A Fermionic Top Partner: Naturalness and the LHC

TL;DR

This paper explores a simple fermionic top partner model addressing naturalness in the Higgs sector, analyzing its phenomenology, current experimental bounds, and potential observable deviations in Higgs decay rates.

Contribution

It provides a detailed phenomenological study of a fermionic top partner model, including bounds from experiments and predictions for Higgs decay deviations.

Findings

Lower bounds on top partner mass: ~500 GeV from electroweak data, ~450 GeV from LHC.

The model allows a 125 GeV Higgs with about 20% fine-tuning.
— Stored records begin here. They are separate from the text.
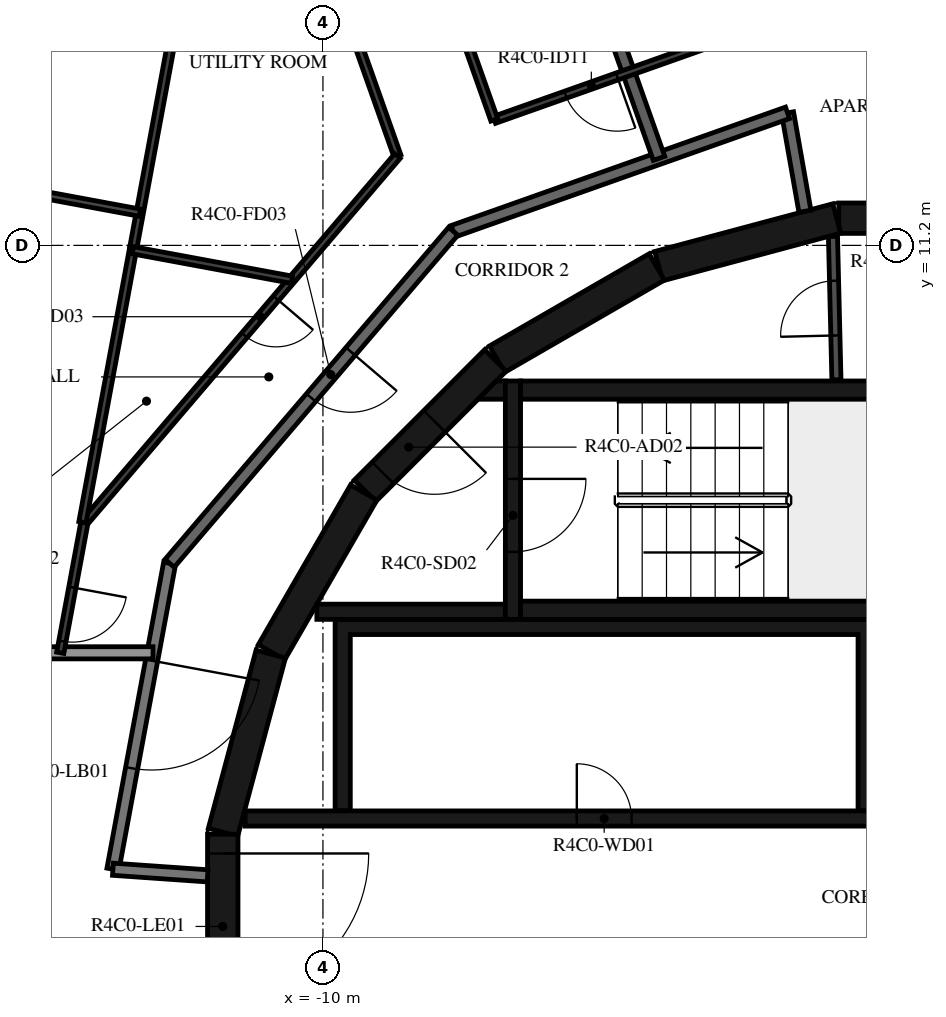
"""IFC4 building model, lengths in metres.
Left out: names, types, materials, properties, quantities, classifications, styles, units other than length and angle.
Written with IfcOpenShell. Run it as: python <this file> out.ifc"""

import sys

from ifc_helpers import new_model, si_unit, direction, frame, frame_2d, origin, place, context, subcontext, project, spatial, polyline, rectangle, outline, extrude, element, fill, save


model = new_model("IFC4")
c1 = context("Model", 3, precision=1e-05, world=origin(), true_north=direction((0.0, 1.0)))
c2 = subcontext(c1, "Body", "Model", "MODEL_VIEW")
j1 = project(units=[si_unit("LENGTHUNIT", "METRE"), si_unit("PLANEANGLEUNIT", "RADIAN")], contexts=[c1])
p1 = place(None, origin())
s1 = spatial("IfcSite", under=j1, at=p1, CompositionType="ELEMENT")
p2 = place(p1, origin())
s2 = spatial("IfcBuilding", under=s1, at=p2, CompositionType="ELEMENT")
p3 = place(p2, frame((0.0, 0.0, 172.7)))
s3 = spatial("IfcBuildingStorey", under=s2, at=p3, CompositionType="ELEMENT", Elevation=172.7)
for number, where, z_axis, x_axis in (
    (1, (1.516, 11.647, 0.0), (0.0, 0.0, 1.0), (-1.0, 0.0, 0.0)),
    (2, (-1.55, 11.643, 0.0), (0.0, 0.0, 1.0), (-0.966, -0.259, 0.0)),
    (3, (-4.51, 10.845, 0.0), (0.0, 0.0, 1.0), (-0.866, -0.5, 0.0)),
):
    element("IfcWall", number, at=place(p3, frame(where, z_axis=z_axis, x_axis=x_axis)), inside=s3, PredefinedType="SHEAR", context=c2, shape_type="SweptSolid", body=[
        extrude(rectangle(XDim=3.033, YDim=0.5, at=frame_2d((1.516, 0.0))), origin(), (0.0, 0.0, 1.0), 3.12),
    ])
p4 = place(p3, frame((-7.164, 9.308, 0.0), z_axis=(0.0, 0.0, 1.0), x_axis=(-0.707106781187, -0.707106781187, 0.0)))
e4 = element("IfcWall", 4, at=p4, inside=s3, PredefinedType="SHEAR", context=c2, shape_type="SweptSolid", body=[
    extrude(rectangle(XDim=3.032, YDim=0.5, at=frame_2d((1.516, 0.0))), origin(), (0.0, 0.0, 1.0), 3.12),
])
p5 = place(p4, frame((1.416, 0.0, 0.0)))
e5 = element("IfcOpeningElement", 5, at=p5, cuts=e4, PredefinedType="OPENING", context=c2, shape_type="SweptSolid", body=[
    extrude(rectangle(XDim=1.2, YDim=2.1, at=frame_2d((0.6, 1.05))), frame((0.0, 0.26, 0.0), z_axis=(0.0, -1.0, 0.0), x_axis=(1.0, 0.0, 0.0)), (0.0, 0.0, 1.0), 0.52),
])
for number, where, z_axis, x_axis in (
    (6, (-9.329, 7.137, 0.0), (0.0, 0.0, 1.0), (-0.5, -0.866, 0.0)),
    (7, (-10.858, 4.479, 0.0), (0.0, 0.0, 1.0), (-0.259, -0.966, 0.0)),
):
    element("IfcWall", number, at=place(p3, frame(where, z_axis=z_axis, x_axis=x_axis)), inside=s3, PredefinedType="SHEAR", context=c2, shape_type="SweptSolid", body=[
        extrude(rectangle(XDim=3.033, YDim=0.5, at=frame_2d((1.516, 0.0))), origin(), (0.0, 0.0, 1.0), 3.12),
    ])
p6 = place(p3, frame((-11.647, 1.516, 0.0), z_axis=(0.0, 0.0, 1.0), x_axis=(0.0, -1.0, 0.0)))
e8 = element("IfcWall", 8, at=p6, inside=s3, PredefinedType="SHEAR", context=c2, shape_type="SweptSolid", body=[
    extrude(rectangle(XDim=3.033, YDim=0.5, at=frame_2d((1.516, 0.0))), origin(), (0.0, 0.0, 1.0), 3.12),
])
p7 = place(p6, frame((0.316, 0.0, 0.0)))
e9 = element("IfcOpeningElement", 9, at=p7, cuts=e8, PredefinedType="OPENING", context=c2, shape_type="SweptSolid", body=[
    extrude(rectangle(XDim=2.4, YDim=2.1, at=frame_2d((1.2, 1.05))), frame((0.0, 0.26, 0.0), z_axis=(0.0, -1.0, 0.0), x_axis=(1.0, 0.0, 0.0)), (0.0, 0.0, 1.0), 0.52),
])
for number, where, z_axis, x_axis in (
    (10, (-6.75, 5.2, 0.0), (0.0, 0.0, 1.0), (1.0, 0.0, 0.0)),
    (11, (-6.75, 8.82, 0.0), (0.0, 0.0, 1.0), (1.0, 0.0, 0.0)),
):
    element("IfcWall", number, at=place(p3, frame(where, z_axis=z_axis, x_axis=x_axis)), inside=s3, PredefinedType="SHEAR", context=c2, shape_type="SweptSolid", body=[
        extrude(rectangle(XDim=6.75, YDim=0.3, at=frame_2d((3.375, 0.0))), origin(), (0.0, 0.0, 1.0), 3.12),
    ])
p8 = place(p3, frame((-6.875, 8.97, 0.0), z_axis=(0.0, 0.0, 1.0), x_axis=(0.0, -1.0, 0.0)))
e12 = element("IfcWall", 12, at=p8, inside=s3, PredefinedType="SHEAR", context=c2, shape_type="SweptSolid", body=[
    extrude(rectangle(XDim=3.92, YDim=0.25, at=frame_2d((1.96, 0.0))), origin(), (0.0, 0.0, 1.0), 3.12),
])
p9 = place(p8, frame((1.61, 0.0, 0.0)))
e13 = element("IfcOpeningElement", 13, at=p9, cuts=e12, PredefinedType="OPENING", context=c2, shape_type="SweptSolid", body=[
    extrude(rectangle(XDim=1.2, YDim=2.1, at=frame_2d((0.6, 1.05))), frame((0.0, 0.135, 0.0), z_axis=(0.0, -1.0, 0.0), x_axis=(1.0, 0.0, 0.0)), (0.0, 0.0, 1.0), 0.27),
])
p10 = place(p3, frame((-7.0, 5.175, 0.0), z_axis=(0.0, 0.0, 1.0), x_axis=(-1.0, 0.0, 0.0)))
e14 = element("IfcWall", 14, at=p10, inside=s3, PredefinedType="SHEAR", context=c2, shape_type="SweptSolid", body=[
    extrude(rectangle(XDim=3.1, YDim=0.25, at=frame_2d((1.55, 0.0))), origin(), (0.0, 0.0, 1.0), 3.12),
])
p11 = place(p3, origin())
e15 = element("IfcWall", 15, at=p11, inside=s3, PredefinedType="SHEAR", context=c2, shape_type="SweptSolid", body=[
    extrude(outline(polyline([(-7.148, 8.97), (-7.0, 8.97), (-7.0, 8.67), (-7.448, 8.67), (-7.148, 8.97)])), origin(), (0.0, 0.0, 1.0), 3.12),
])
p12 = place(p3, origin())
e16 = element("IfcWall", 16, at=p12, inside=s3, PredefinedType="SHEAR", context=c2, shape_type="SweptSolid", body=[
    extrude(outline(polyline([(-9.55, 4.8), (-1.2, 4.8), (-1.2, 1.9), (-0.95, 1.9), (-0.95, 4.8), (0.95, 4.8), (0.95, 1.9), (1.2, 1.9), (1.2, 4.8), (3.1, 4.8), (3.1, 1.9), (3.35, 1.9), (3.35, 4.8), (5.25, 4.8), (5.25, 1.9), (5.5, 1.9), (5.5, 4.8), (7.4, 4.8), (7.4, 1.9), (7.65, 1.9), (7.65, 4.8), (9.55, 4.8), (9.55, 1.9), (9.8, 1.9), (9.8, 4.8), (9.8, 5.05), (-9.8, 5.05), (-9.8, 4.8), (-9.8, 1.9), (-9.55, 1.9), (-9.55, 4.8)])), origin(), (0.0, 0.0, 1.0), 3.12),
])
p13 = place(p3, frame((-11.28, 1.775, 0.0), z_axis=(0.0, 0.0, 1.0), x_axis=(1.0, 0.0, 0.0)))
e17 = element("IfcWall", 17, at=p13, inside=s3, PredefinedType="SHEAR", context=c2, shape_type="SweptSolid", body=[
    extrude(rectangle(XDim=14.38, YDim=0.25, at=frame_2d((7.19, 0.0))), origin(), (0.0, 0.0, 1.0), 3.12),
])
p14 = place(p13, frame((10.73, 0.0, 0.0)))
e18 = element("IfcOpeningElement", 18, at=p14, cuts=e17, PredefinedType="OPENING", context=c2, shape_type="SweptSolid", body=[
    extrude(rectangle(XDim=1.1, YDim=2.1, at=frame_2d((0.55, 1.05))), frame((0.0, 0.135, 0.0), z_axis=(0.0, -1.0, 0.0), x_axis=(1.0, 0.0, 0.0)), (0.0, 0.0, 1.0), 0.27),
])
p15 = place(p13, frame((12.88, 0.0, 0.0)))
e19 = element("IfcOpeningElement", 19, at=p15, cuts=e17, PredefinedType="OPENING", context=c2, shape_type="SweptSolid", body=[
    extrude(rectangle(XDim=1.1, YDim=2.1, at=frame_2d((0.55, 1.05))), frame((0.0, 0.135, 0.0), z_axis=(0.0, -1.0, 0.0), x_axis=(1.0, 0.0, 0.0)), (0.0, 0.0, 1.0), 0.27),
])
p16 = place(p13, frame((5.455, 0.0, 0.0)))
e20 = element("IfcOpeningElement", 20, at=p16, cuts=e17, PredefinedType="OPENING", context=c2, shape_type="SweptSolid", body=[
    extrude(rectangle(XDim=0.9, YDim=2.1, at=frame_2d((0.45, 1.05))), frame((0.0, 0.135, 0.0), z_axis=(0.0, -1.0, 0.0), x_axis=(1.0, 0.0, 0.0)), (0.0, 0.0, 1.0), 0.27),
])
p17 = place(p3, frame((-1.555, 8.99, 0.0), z_axis=(0.0, 0.0, 1.0), x_axis=(-0.024125549686, 0.999708936567, 0.0)))
e21 = element("IfcWall", 21, at=p17, inside=s3, PredefinedType="PARTITIONING", context=c2, shape_type="SweptSolid", body=[
    extrude(rectangle(XDim=2.358, YDim=0.15, at=frame_2d((1.179, 0.0))), origin(), (0.0, 0.0, 1.0), 3.12),
])
p18 = place(p17, frame((0.729, 0.0, 0.0)))
e22 = element("IfcOpeningElement", 22, at=p18, cuts=e21, PredefinedType="OPENING", context=c2, shape_type="SweptSolid", body=[
    extrude(rectangle(XDim=0.9, YDim=2.1, at=frame_2d((0.45, 1.05))), frame((0.0, 0.085, 0.0), z_axis=(0.0, -1.0, 0.0), x_axis=(1.0, 0.0, 0.0)), (0.0, 0.0, 1.0), 0.17),
])
p19 = place(p3, frame((-12.521, 5.972, 0.0), z_axis=(0.0, 0.0, 1.0), x_axis=(-0.182251559718, -0.983251935661, 0.0)))
e23 = element("IfcWall", 23, at=p19, inside=s3, PredefinedType="STANDARD", context=c2, shape_type="SweptSolid", body=[
    extrude(rectangle(XDim=5.117, YDim=0.2, at=frame_2d((2.559, 0.0))), origin(), (0.0, 0.0, 1.0), 3.12),
])
p20 = place(p19, frame((1.627, 0.0, 0.0)))
e24 = element("IfcOpeningElement", 24, at=p20, cuts=e23, PredefinedType="OPENING", context=c2, shape_type="SweptSolid", body=[
    extrude(rectangle(XDim=1.8, YDim=2.1, at=frame_2d((0.9, 1.05))), frame((0.0, 0.11, 0.0), z_axis=(0.0, -1.0, 0.0), x_axis=(1.0, 0.0, 0.0)), (0.0, 0.0, 1.0), 0.22),
])
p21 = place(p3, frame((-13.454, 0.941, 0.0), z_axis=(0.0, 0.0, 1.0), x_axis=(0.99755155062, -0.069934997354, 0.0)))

Potential observable deviations in Higgs decay rates to gauge bosons.

Abstract

Naturalness demands that the quadratic divergence of the one-loop top contribution to the Higgs mass be cancelled at a scale below 1 TeV. This can be achieved by introducing a fermionic (spin-1/2) top partner, as in, for example, Little Higgs models. In this paper, we study the phenomenology of a simple model realizing this mechanism. We present the current bounds on the model from precision electroweak fits, flavor physics, and direct searches at the LHC. The lower bound on the top partner mass from precision electroweak data is approximately 500 GeV, while the LHC bound with 5/fb of data at sqrt(s)=7 TeV is about 450 GeV. Given these bounds, the model can incorporate a 125 GeV Higgs with minimal fine-tuning of about 20%. We conclude that natural electroweak symmetry breaking with a fermionic top partner remains a viable possibility. We also compute the Higgs decay rates into gauge bosons, and find that significant, potentially observable deviations from the Standard Model predictions may occur.